This study identifies four critical bottlenecks hindering industrial control system (ICS) threat intelligence sharing: inconsistent representation of ICS-specific artifacts in standards such as STIX; absence of vendor-specific technical documentation; insufficient technical detail in vulnerability and incident reports; and limited observability of ICS attack behaviors. Leveraging NLP-based automated analysis, ATT&CK mapping, STIX semantic review, and ICS malware behavioral modeling, the work analyzes three major incidents (including Stuxnet), 196 MITRE ATT&CK software instances, and nine CISA advisories. It provides the first empirical evidence of structural gaps in existing standards regarding ICS-specific observable objects. Based on these findings, the study proposes an extensible, ICS-tailored threat intelligence sharing framework and delivers actionable technical guidance for standards development organizations and critical infrastructure operators to advance interoperable, operationally relevant intelligence exchange.

The increasing cyber threats to critical infrastructure highlight the importance of private companies and government agencies in detecting and sharing information about threat activities. Although the need for improved threat information sharing is widely recognized, various technical and organizational challenges persist, hindering effective collaboration. In this study, we review the challenges that disturb the sharing of usable threat information to critical infrastructure operators within the ICS domain.
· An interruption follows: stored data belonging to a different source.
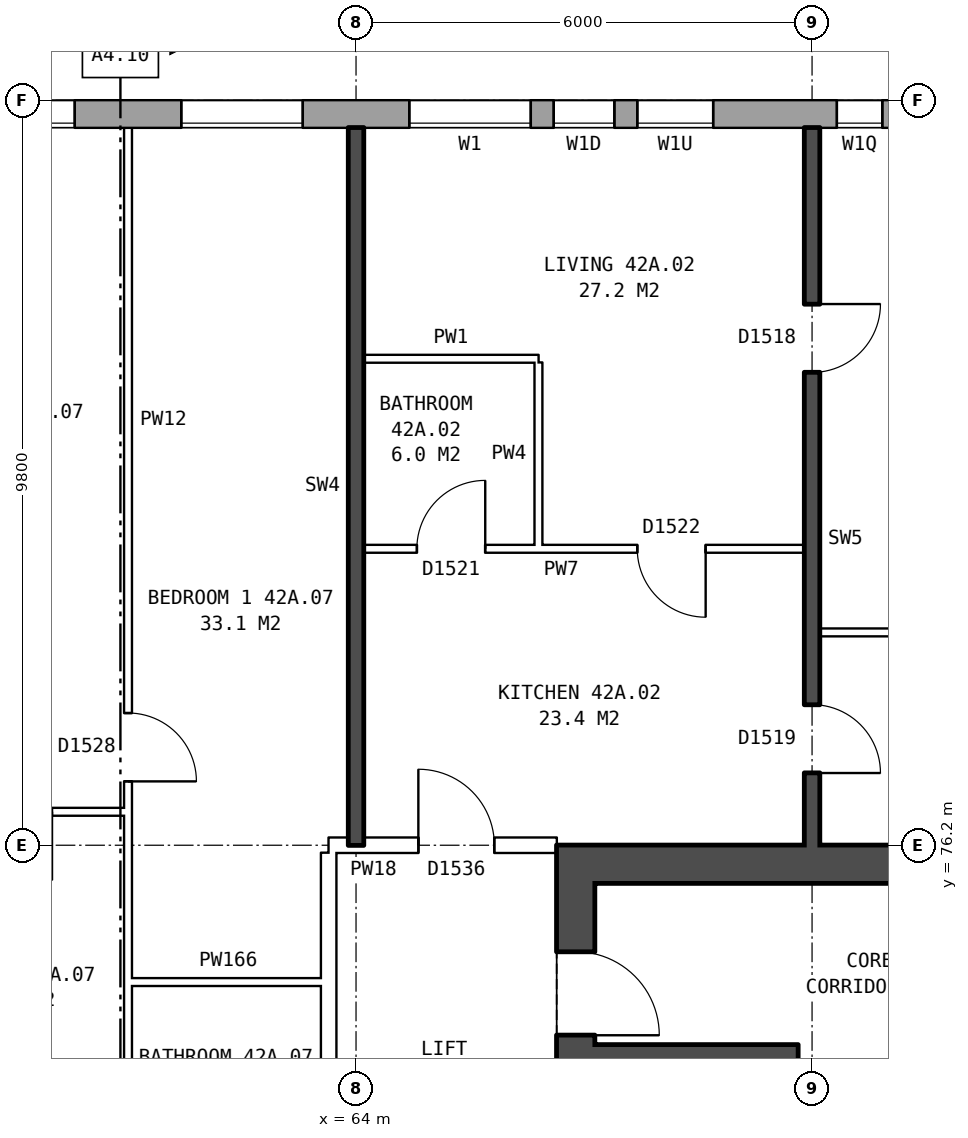
"""IFC4 building model, lengths in metres.
Left out: names, types, materials, properties, quantities, classifications, styles, units other than length and angle.
Written with IfcOpenShell. Run it as: python <this file> out.ifc"""

import sys

from ifc_helpers import new_model, si_unit, direction, frame, frame_2d, origin, place, context, subcontext, project, spatial, rectangle, extrude, element, fill, save


model = new_model("IFC4")
c1 = context("Model", 3, precision=1e-05, world=origin(), true_north=direction((0.0, 1.0)))
c2 = subcontext(c1, "Body", "Model", "MODEL_VIEW")
j1 = project(units=[si_unit("LENGTHUNIT", "METRE"), si_unit("PLANEANGLEUNIT", "RADIAN")], contexts=[c1])
p1 = place(None, origin())
s1 = spatial("IfcSite", under=j1, at=p1, CompositionType="ELEMENT")
p2 = place(p1, origin())
s2 = spatial("IfcBuilding", under=s1, at=p2, CompositionType="ELEMENT")
p3 = place(p2, frame((0.0, 0.0, 151.6)))
s3 = spatial("IfcBuildingStorey", under=s2, at=p3, CompositionType="ELEMENT", Elevation=151.6)
p4 = place(p3, frame((72.925, 85.82, 0.0), z_axis=(0.0, 0.0, 1.0), x_axis=(-1.0, 0.0, 0.0)))
e1 = element("IfcWall", 1, at=p4, inside=s3, PredefinedType="STANDARD", context=c2, shape_type="SweptSolid", body=[
    extrude(rectangle(XDim=41.351, YDim=0.36, at=frame_2d((20.675, 0.0))), origin(), (0.0, 0.0, 1.0), 2.85),
])
p5 = place(p4, frame((0.3, 0.0, 0.8)))
e2 = element("IfcOpeningElement", 2, at=p5, cuts=e1, PredefinedType="OPENING", context=c2, shape_type="SweptSolid", body=[
    extrude(rectangle(XDim=1.4, YDim=1.8, at=frame_2d((0.7, 0.9))), frame((0.0, 0.19, 0.0), z_axis=(0.0, -1.0, 0.0), x_axis=(1.0, 0.0, 0.0)), (0.0, 0.0, 1.0), 0.38),
])
p6 = place(p4, frame((4.225, 0.0, 0.8)))
e3 = element("IfcOpeningElement", 3, at=p6, cuts=e1, PredefinedType="OPENING", context=c2, shape_type="SweptSolid", body=[
    extrude(rectangle(XDim=1.0, YDim=0.9, at=frame_2d((0.5, 0.45))), frame((0.0, 0.19, 0.0), z_axis=(0.0, -1.0, 0.0), x_axis=(1.0, 0.0, 0.0)), (0.0, 0.0, 1.0), 0.38),
])
p7 = place(p4, frame((6.625, 0.0, 0.8)))
e4 = element("IfcOpeningElement", 4, at=p7, cuts=e1, PredefinedType="OPENING", context=c2, shape_type="SweptSolid", body=[
    extrude(rectangle(XDim=1.6, YDim=1.8, at=frame_2d((0.8, 0.9))), frame((0.0, 0.19, 0.0), z_axis=(0.0, -1.0, 0.0), x_axis=(1.0, 0.0, 0.0)), (0.0, 0.0, 1.0), 0.38),
])
p8 = place(p4, frame((9.625, 0.0, 0.8)))
e5 = element("IfcOpeningElement", 5, at=p8, cuts=e1, PredefinedType="OPENING", context=c2, shape_type="SweptSolid", body=[
    extrude(rectangle(XDim=1.6, YDim=1.8, at=frame_2d((0.8, 0.9))), frame((0.0, 0.19, 0.0), z_axis=(0.0, -1.0, 0.0), x_axis=(1.0, 0.0, 0.0)), (0.0, 0.0, 1.0), 0.38),
])
p9 = place(p4, frame((12.625, 0.0, 0.8)))
e6 = element("IfcOpeningElement", 6, at=p9, cuts=e1, PredefinedType="OPENING", context=c2, shape_type="SweptSolid", body=[
    extrude(rectangle(XDim=1.6, YDim=1.8, at=frame_2d((0.8, 0.9))), frame((0.0, 0.19, 0.0), z_axis=(0.0, -1.0, 0.0), x_axis=(1.0, 0.0, 0.0)), (0.0, 0.0, 1.0), 0.38),
])
p10 = place(p4, frame((15.625, 0.0, 0.8)))
e7 = element("IfcOpeningElement", 7, at=p10, cuts=e1, PredefinedType="OPENING", context=c2, shape_type="SweptSolid", body=[
    extrude(rectangle(XDim=1.6, YDim=1.8, at=frame_2d((0.8, 0.9))), frame((0.0, 0.19, 0.0), z_axis=(0.0, -1.0, 0.0), x_axis=(1.0, 0.0, 0.0)), (0.0, 0.0, 1.0), 0.38),
])
p11 = place(p4, frame((18.625, 0.0, 0.8)))
e8 = element("IfcOpeningElement", 8, at=p11, cuts=e1, PredefinedType="OPENING", context=c2, shape_type="SweptSolid", body=[
    extrude(rectangle(XDim=1.6, YDim=1.8, at=frame_2d((0.8, 0.9))), frame((0.0, 0.19, 0.0), z_axis=(0.0, -1.0, 0.0), x_axis=(1.0, 0.0, 0.0)), (0.0, 0.0, 1.0), 0.38),
])
p12 = place(p4, frame((21.625, 0.0, 0.8)))
e9 = element("IfcOpeningElement", 9, at=p12, cuts=e1, PredefinedType="OPENING", context=c2, shape_type="SweptSolid", body=[
    extrude(rectangle(XDim=1.6, YDim=1.8, at=frame_2d((0.8, 0.9))), frame((0.0, 0.19, 0.0), z_axis=(0.0, -1.0, 0.0), x_axis=(1.0, 0.0, 0.0)), (0.0, 0.0, 1.0), 0.38),
])
p13 = place(p4, frame((24.625, 0.0, 0.8)))
e10 = element("IfcOpeningElement", 10, at=p13, cuts=e1, PredefinedType="OPENING", context=c2, shape_type="SweptSolid", body=[
    extrude(rectangle(XDim=1.6, YDim=1.8, at=frame_2d((0.8, 0.9))), frame((0.0, 0.19, 0.0), z_axis=(0.0, -1.0, 0.0), x_axis=(1.0, 0.0, 0.0)), (0.0, 0.0, 1.0), 0.38),
])
p14 = place(p4, frame((27.625, 0.0, 0.8)))
e11 = element("IfcOpeningElement", 11, at=p14, cuts=e1, PredefinedType="OPENING", context=c2, shape_type="SweptSolid", body=[
    extrude(rectangle(XDim=1.6, YDim=1.8, at=frame_2d((0.8, 0.9))), frame((0.0, 0.19, 0.0), z_axis=(0.0, -1.0, 0.0), x_axis=(1.0, 0.0, 0.0)), (0.0, 0.0, 1.0), 0.38),
])
p15 = place(p4, frame((30.625, 0.0, 0.8)))
e12 = element("IfcOpeningElement", 12, at=p15, cuts=e1, PredefinedType="OPENING", context=c2, shape_type="SweptSolid", body=[
    extrude(rectangle(XDim=1.6, YDim=1.8, at=frame_2d((0.8, 0.9))), frame((0.0, 0.19, 0.0), z_axis=(0.0, -1.0, 0.0), x_axis=(1.0, 0.0, 0.0)), (0.0, 0.0, 1.0), 0.38),
])
p16 = place(p4, frame((33.625, 0.0, 0.8)))
e13 = element("IfcOpeningElement", 13, at=p16, cuts=e1, PredefinedType="OPENING", context=c2, shape_type="SweptSolid", body=[
    extrude(rectangle(XDim=1.6, YDim=1.8, at=frame_2d((0.8, 0.9))), frame((0.0, 0.19, 0.0), z_axis=(0.0, -1.0, 0.0), x_axis=(1.0, 0.0, 0.0)), (0.0, 0.0, 1.0), 0.38),
])
p17 = place(p4, frame((35.525, 0.0, 0.8)))
e14 = element("IfcOpeningElement", 14, at=p17, cuts=e1, PredefinedType="OPENING", context=c2, shape_type="SweptSolid", body=[
    extrude(rectangle(XDim=1.2, YDim=1.2, at=frame_2d((0.6, 0.6))), frame((0.0, 0.19, 0.0), z_axis=(0.0, -1.0, 0.0), x_axis=(1.0, 0.0, 0.0)), (0.0, 0.0, 1.0), 0.38),
])
p18 = place(p4, frame((2.0, 0.0, 1.4)))
e15 = element("IfcOpeningElement", 15, at=p18, cuts=e1, PredefinedType="OPENING", context=c2, shape_type="SweptSolid", body=[
    extrude(rectangle(XDim=0.6, YDim=1.2, at=frame_2d((0.3, 0.6))), frame((0.0, 0.19, 0.0), z_axis=(0.0, -1.0, 0.0), x_axis=(1.0, 0.0, 0.0)), (0.0, 0.0, 1.0), 0.38),
])
p19 = place(p4, frame((5.525, 0.0, 0.8)))
e16 = element("IfcOpeningElement", 16, at=p19, cuts=e1, PredefinedType="OPENING", context=c2, shape_type="SweptSolid", body=[
    extrude(rectangle(XDim=0.8, YDim=1.8, at=frame_2d((0.4, 0.9))), frame((0.0, 0.19, 0.0), z_axis=(0.0, -1.0, 0.0), x_axis=(1.0, 0.0, 0.0)), (0.0, 0.0, 1.0), 0.38),
])
p20 = place(p3, frame((66.89, 63.8, 0.0), z_axis=(0.0, 0.0, 1.0), x_axis=(0.0, 1.0, 0.0)))
e17 = element("IfcWall", 17, at=p20, inside=s3, PredefinedType="SHEAR", context=c2, shape_type="SweptSolid", body=[
    extrude(rectangle(XDim=12.4, YDim=0.5, at=frame_2d((6.2, 0.0))), origin(), (0.0, 0.0, 1.0), 2.85),
])
p21 = place(p20, frame((1.325, 0.0, 0.0)))
e18 = element("IfcOpeningElement", 18, at=p21, cuts=e17, PredefinedType="OPENING", context=c2, shape_type="SweptSolid", body=[
    extrude(rectangle(XDim=1.1, YDim=2.1, at=frame_2d((0.55, 1.05))), frame((0.0, 0.26, 0.0), z_axis=(0.0, -1.0, 0.0), x_axis=(1.0, 0.0, 0.0)), (0.0, 0.0, 1.0), 0.52),
])
p22 = place(p20, frame((3.6, 0.0, 0.0)))
e19 = element("IfcOpeningElement", 19, at=p22, cuts=e17, PredefinedType="OPENING", context=c2, shape_type="SweptSolid", body=[
    extrude(rectangle(XDim=1.1, YDim=2.1, at=frame_2d((0.55, 1.05))), frame((0.0, 0.26, 0.0), z_axis=(0.0, -1.0, 0.0), x_axis=(1.0, 0.0, 0.0)), (0.0, 0.0, 1.0), 0.52),
])
p23 = place(p20, frame((5.8, 0.0, 0.0)))
e20 = element("IfcOpeningElement", 20, at=p23, cuts=e17, PredefinedType="OPENING", context=c2, shape_type="SweptSolid", body=[
    extrude(rectangle(XDim=1.1, YDim=2.1, at=frame_2d((0.55, 1.05))), frame((0.0, 0.26, 0.0), z_axis=(0.0, -1.0, 0.0), x_axis=(1.0, 0.0, 0.0)), (0.0, 0.0, 1.0), 0.52),
])
p24 = place(p20, frame((8.0, 0.0, 0.0)))
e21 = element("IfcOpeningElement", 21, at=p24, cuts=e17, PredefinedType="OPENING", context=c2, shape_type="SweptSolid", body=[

We analyze three major incidents: Stuxnet, Industroyer, and Triton. In addition, we perform a systematic analysis of 196 procedure examples across 79 MITRE ATT&CK techniques from 22 ICS-related malware families, utilizing automated natural language processing techniques to systematically extract and categorize threat observables. Additionally, we investigated nine recent ICS vulnerability advisories from the CISA Known Exploitable Vulnerability catalog. Our analysis identified four important limitations in the ICS threat information sharing ecosystem: (i) the lack of coherent representation of artifacts related to ICS adversarial techniques in information sharing language standards (e.g., STIX); (ii) the dependence on undocumented proprietary technologies; (iii) limited technical details provided in vulnerability and threat incident reports; and (iv) the accessibility of technical details for observed adversarial techniques. This study aims to guide the development of future information-sharing standards, including the enhancement of the cyber-observable objects schema in STIX, to ensure accurate representation of artifacts specific to ICS environments.